Section 3: Equilibration

Task 1

Generating atoms in random positions will place them in situations in which they wouldn't naturally be found. The simulation is therefore deviating from reality. For example, two atoms could be generated very close to each other, a configuration which has very high energy and will give an imperfect simulation.

Task 2

Satisfying that the lattice spacing and density match:

${\displaystyle Density=\frac{N}{V}}$

Here the volume is the lattice spacing cubed, while the number of atoms equals one in the unit cell.

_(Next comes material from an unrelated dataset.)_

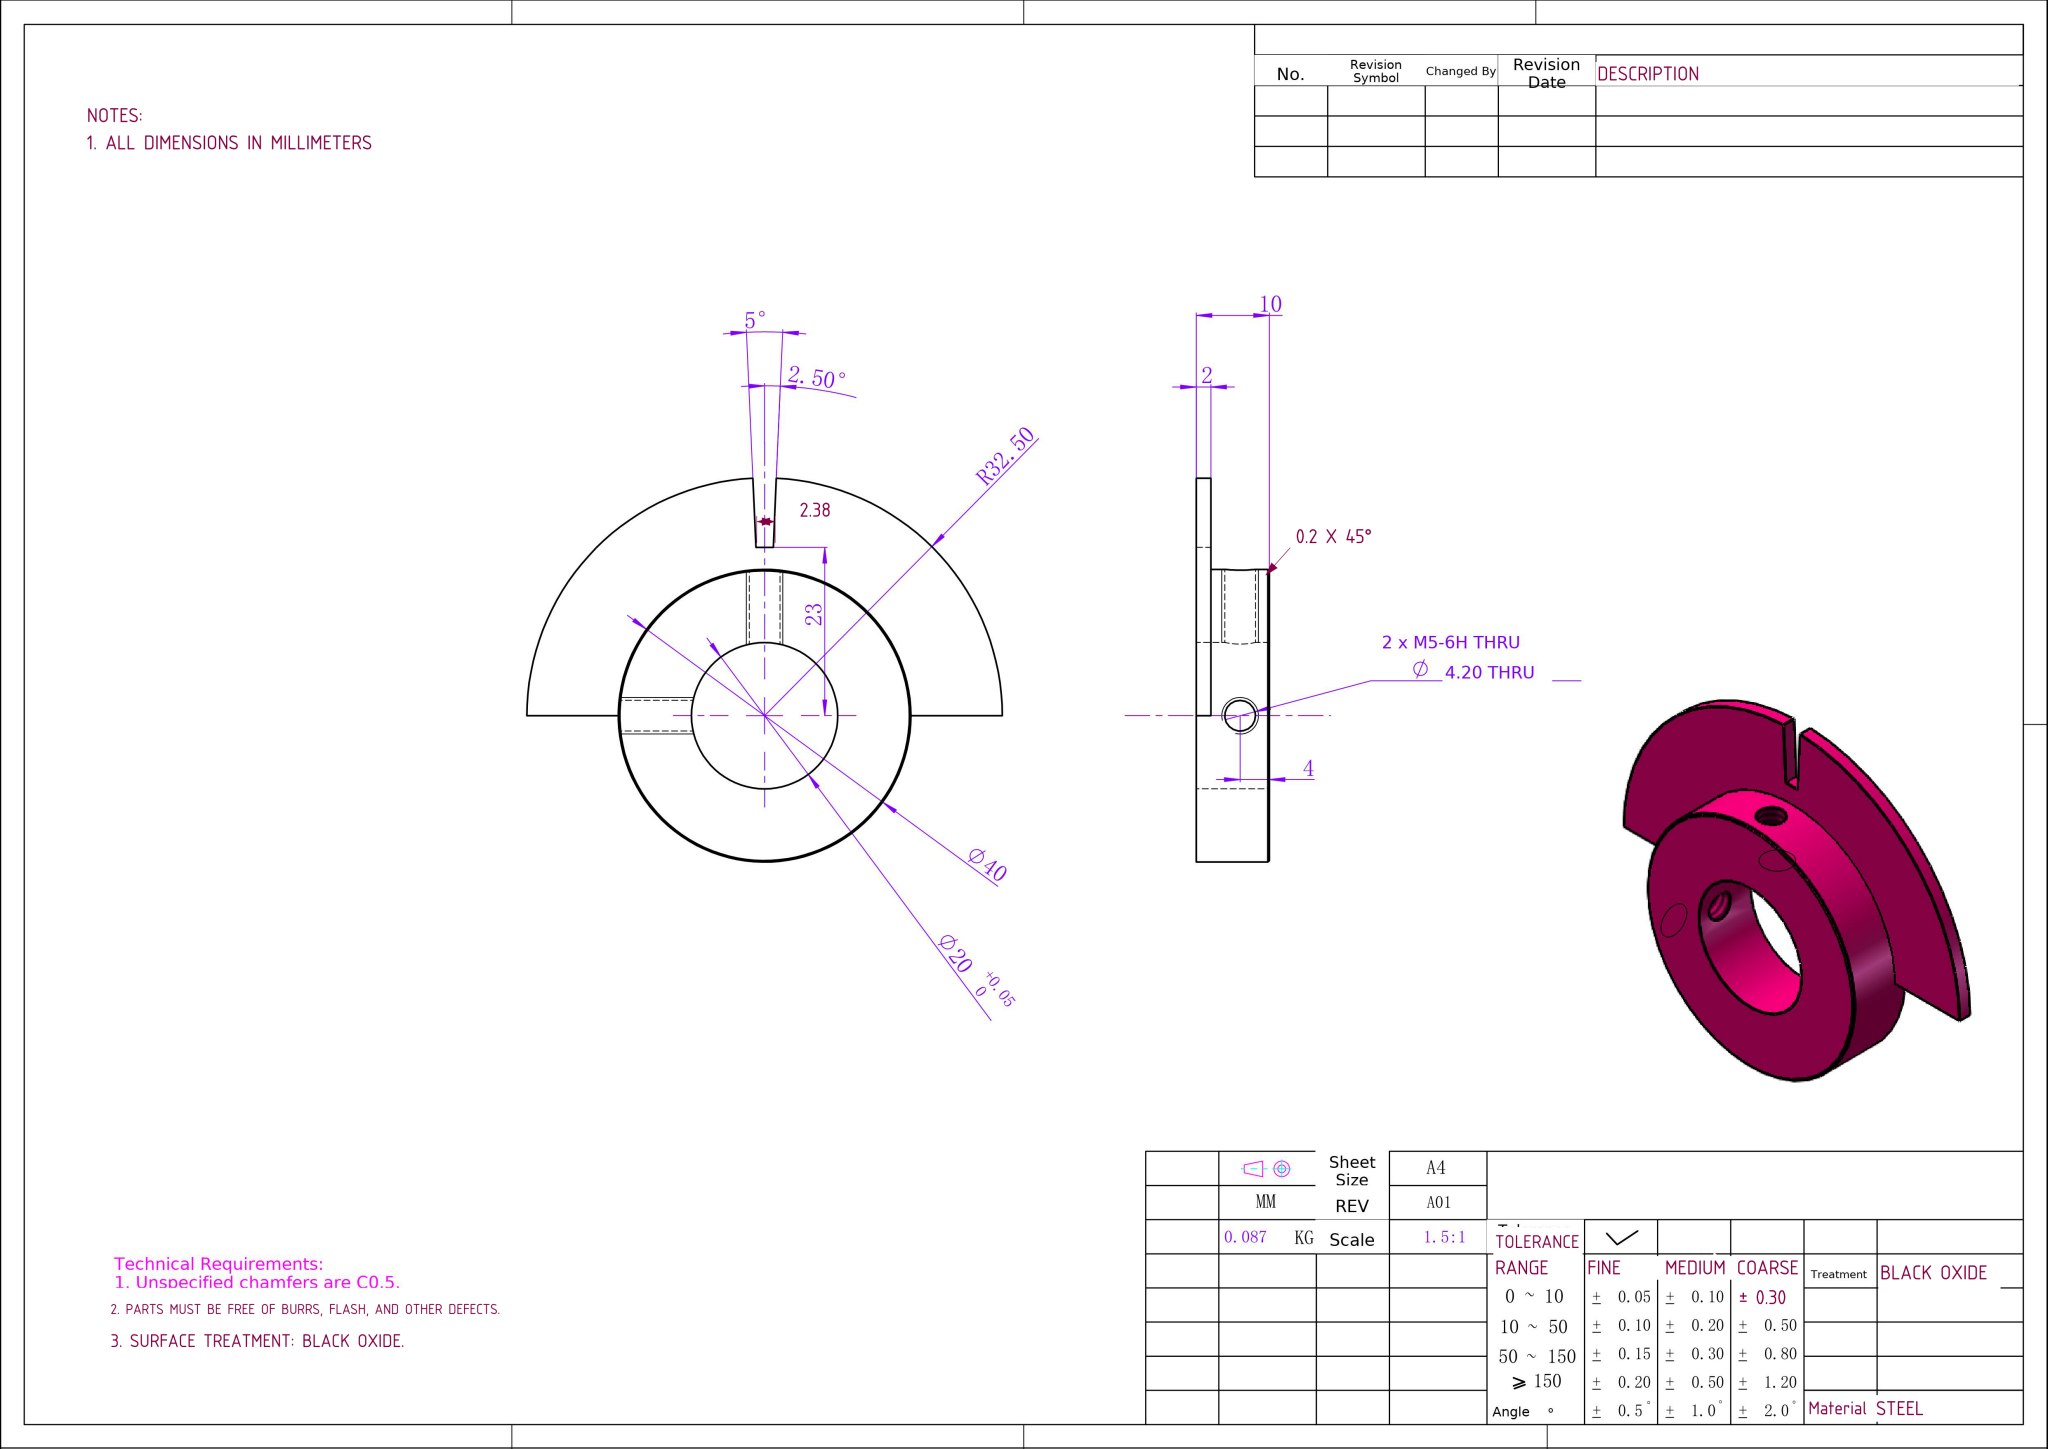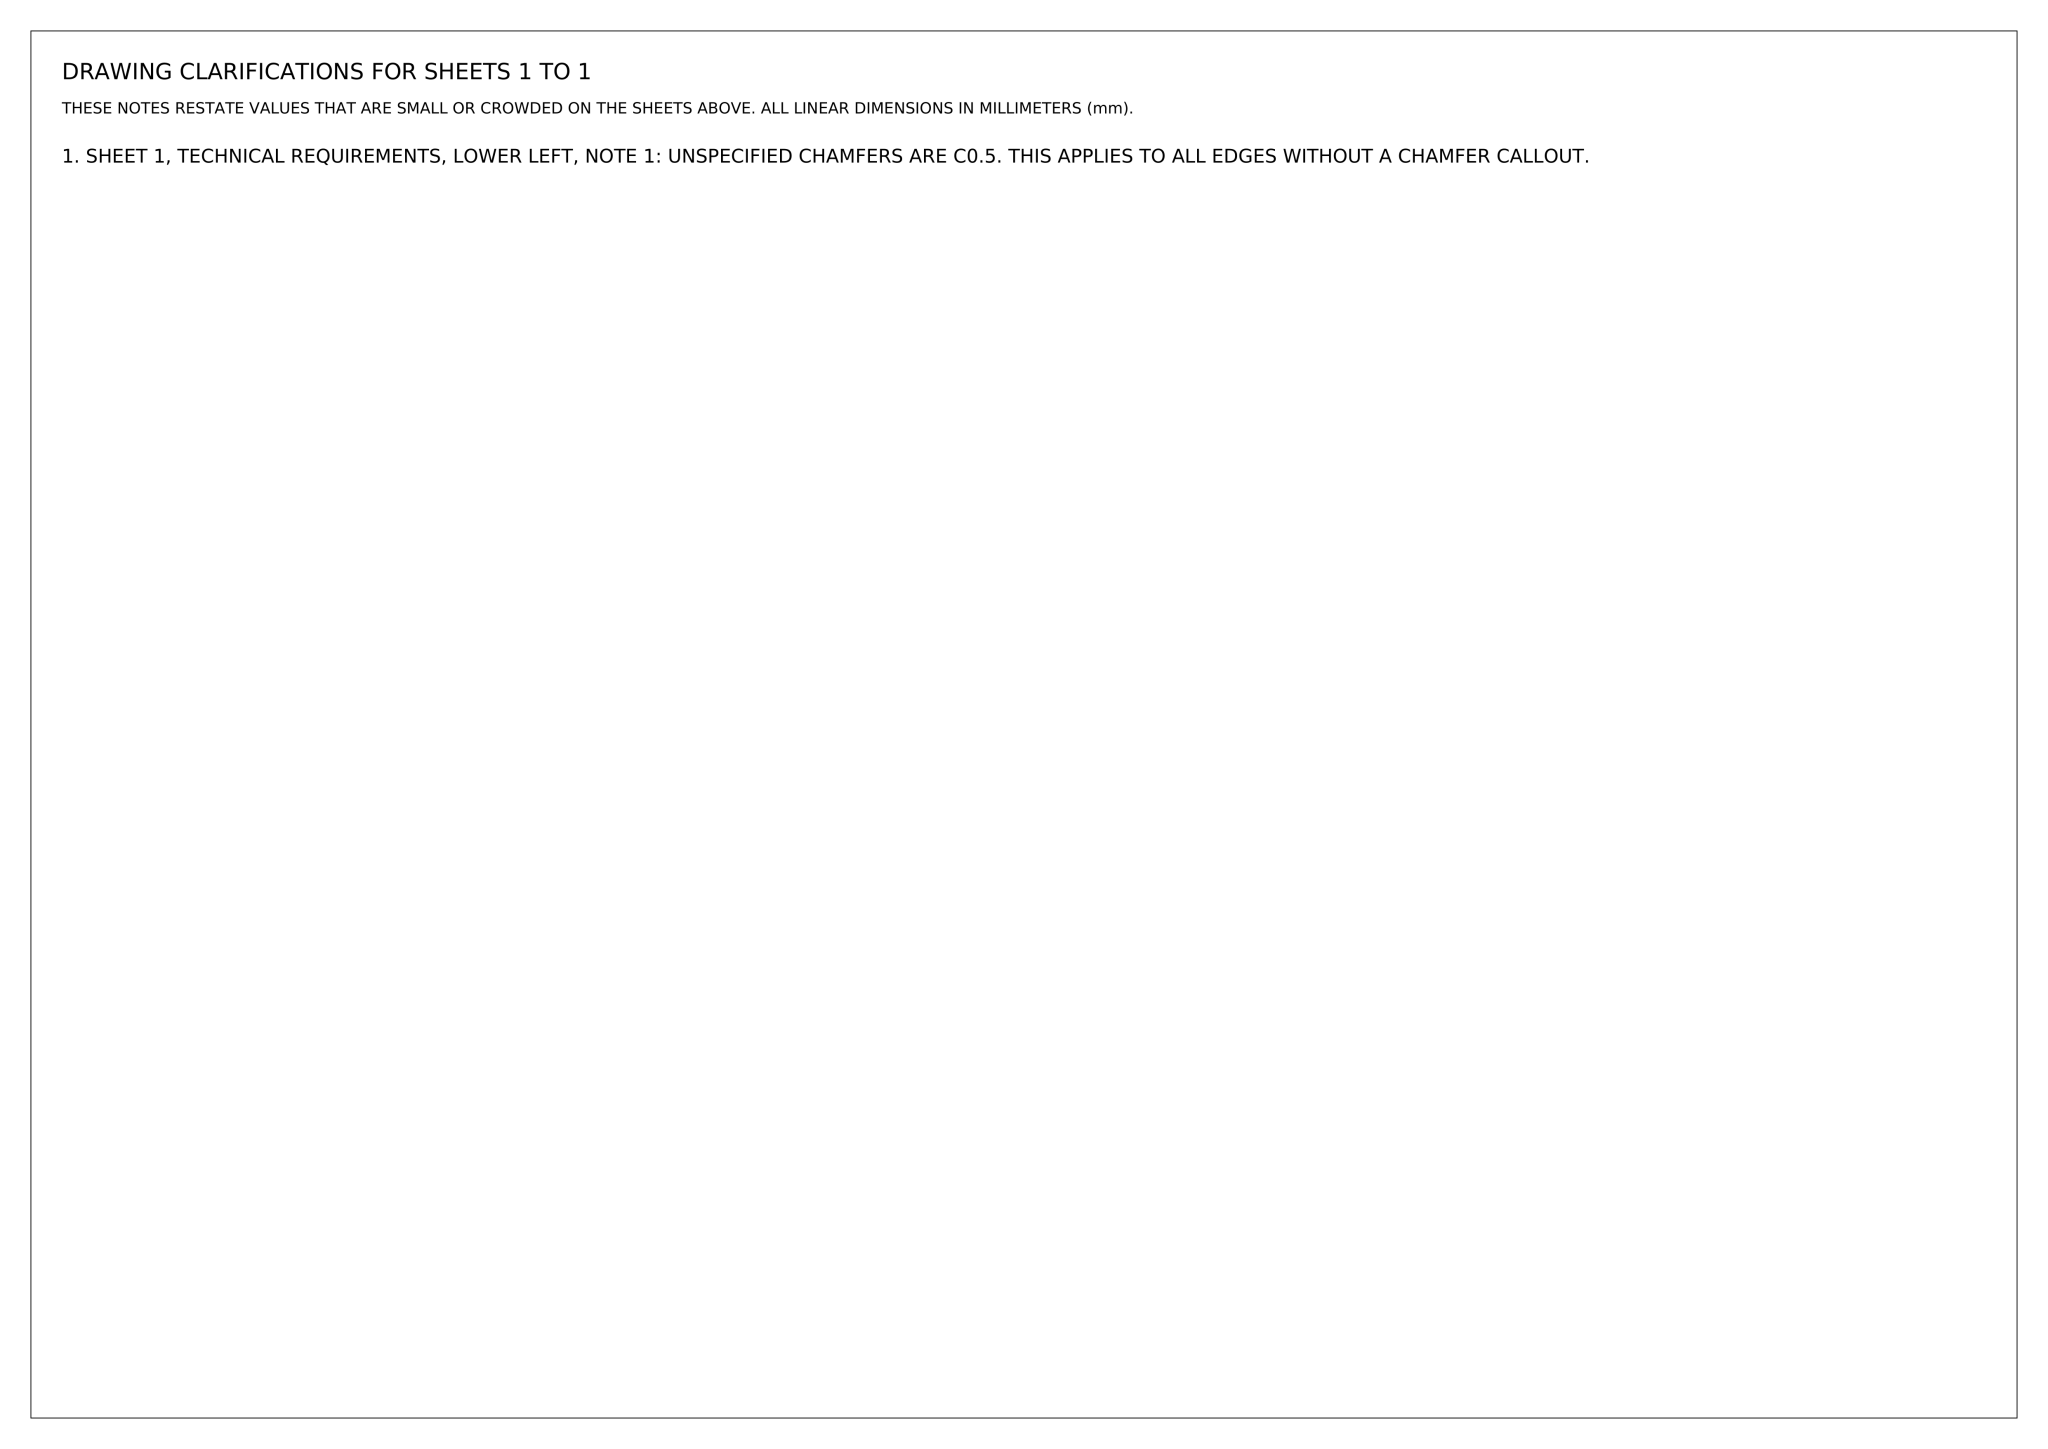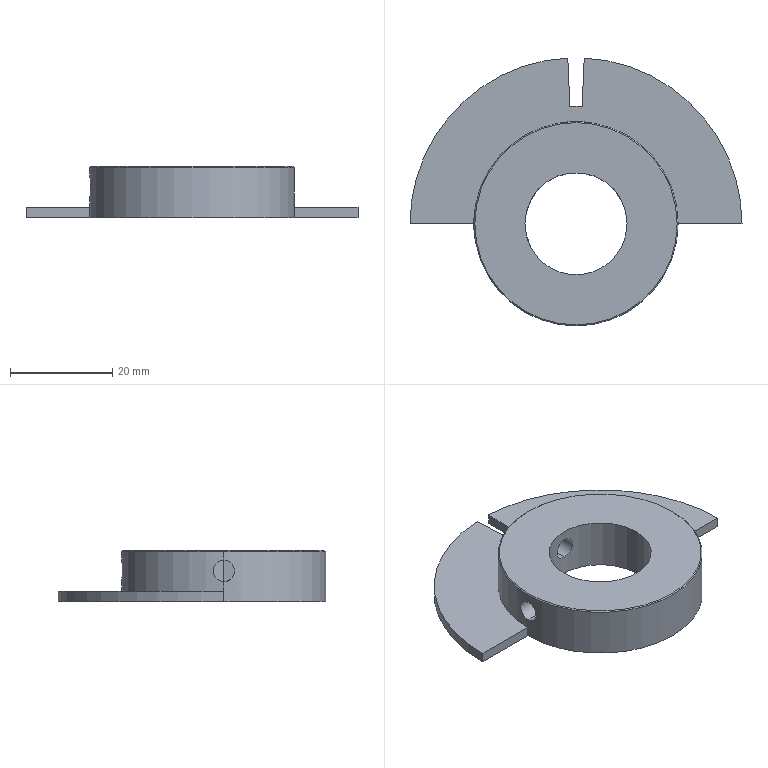Part | NX | mm | 1 solid | 20 faces | box 65 x 52.46 x 10 mm | volume 11153 mm3 | cylinder 10 | plane 8 | cone 2 | commonest cylinder face diameters 4.2 x4 20 x2 40 x2 65 x2

${\displaystyle Density=\frac{1}{1.07722^3}=0.800}$

Now we are considering a face-centred cubic lattice with a lattice point number density of 1.2. There are four atoms per unit cell, therefore:

${\displaystyle 1.2=\frac{4}{(sidelength{)}^3}}$

So:

${\displaystyle Sidelength=1.49}$

Task 3

4000 atoms would be created in the face-centred cubic lattice because each unit cell contains 4 atoms.

Task 4

'mass 1 1.0' means set the mass of atom type 1 to 1.0 in reduced units.

'pair_style lj/cut 3.0' sets the interactions between pairs of atoms. lj/cut means set Lennard-Jones interactions for atoms beyond a distance of 3.0 to 0. This function does not compute a Coulombic interaction.

'pair_coeff * * 1.0 1.0' This is setting the coefficients in the Lennard-Jones potential equation. The asterisks mean apply the following coefficients to all atom types. The first 1.0 sets ${\displaystyle ϵ=1.0}$ and the second 1.0 sets ${\displaystyle \sigma =1.0}$, both in energy units.

Task 5

We will use the Verlet algorithm.

Task 6

The system reaches equilibrium, within the boundaries ${\displaystyle t=0.3}$ and ${\displaystyle t=0.4}$.

The best timesteps appear to be 0.001 and 0.0025 because they converge. The larger of these two is 0.0025 so this is the best timestep to use.

Timestep of 0.015 gave particularly bad results. It bears no resemblance to other data and it does not equilibrate.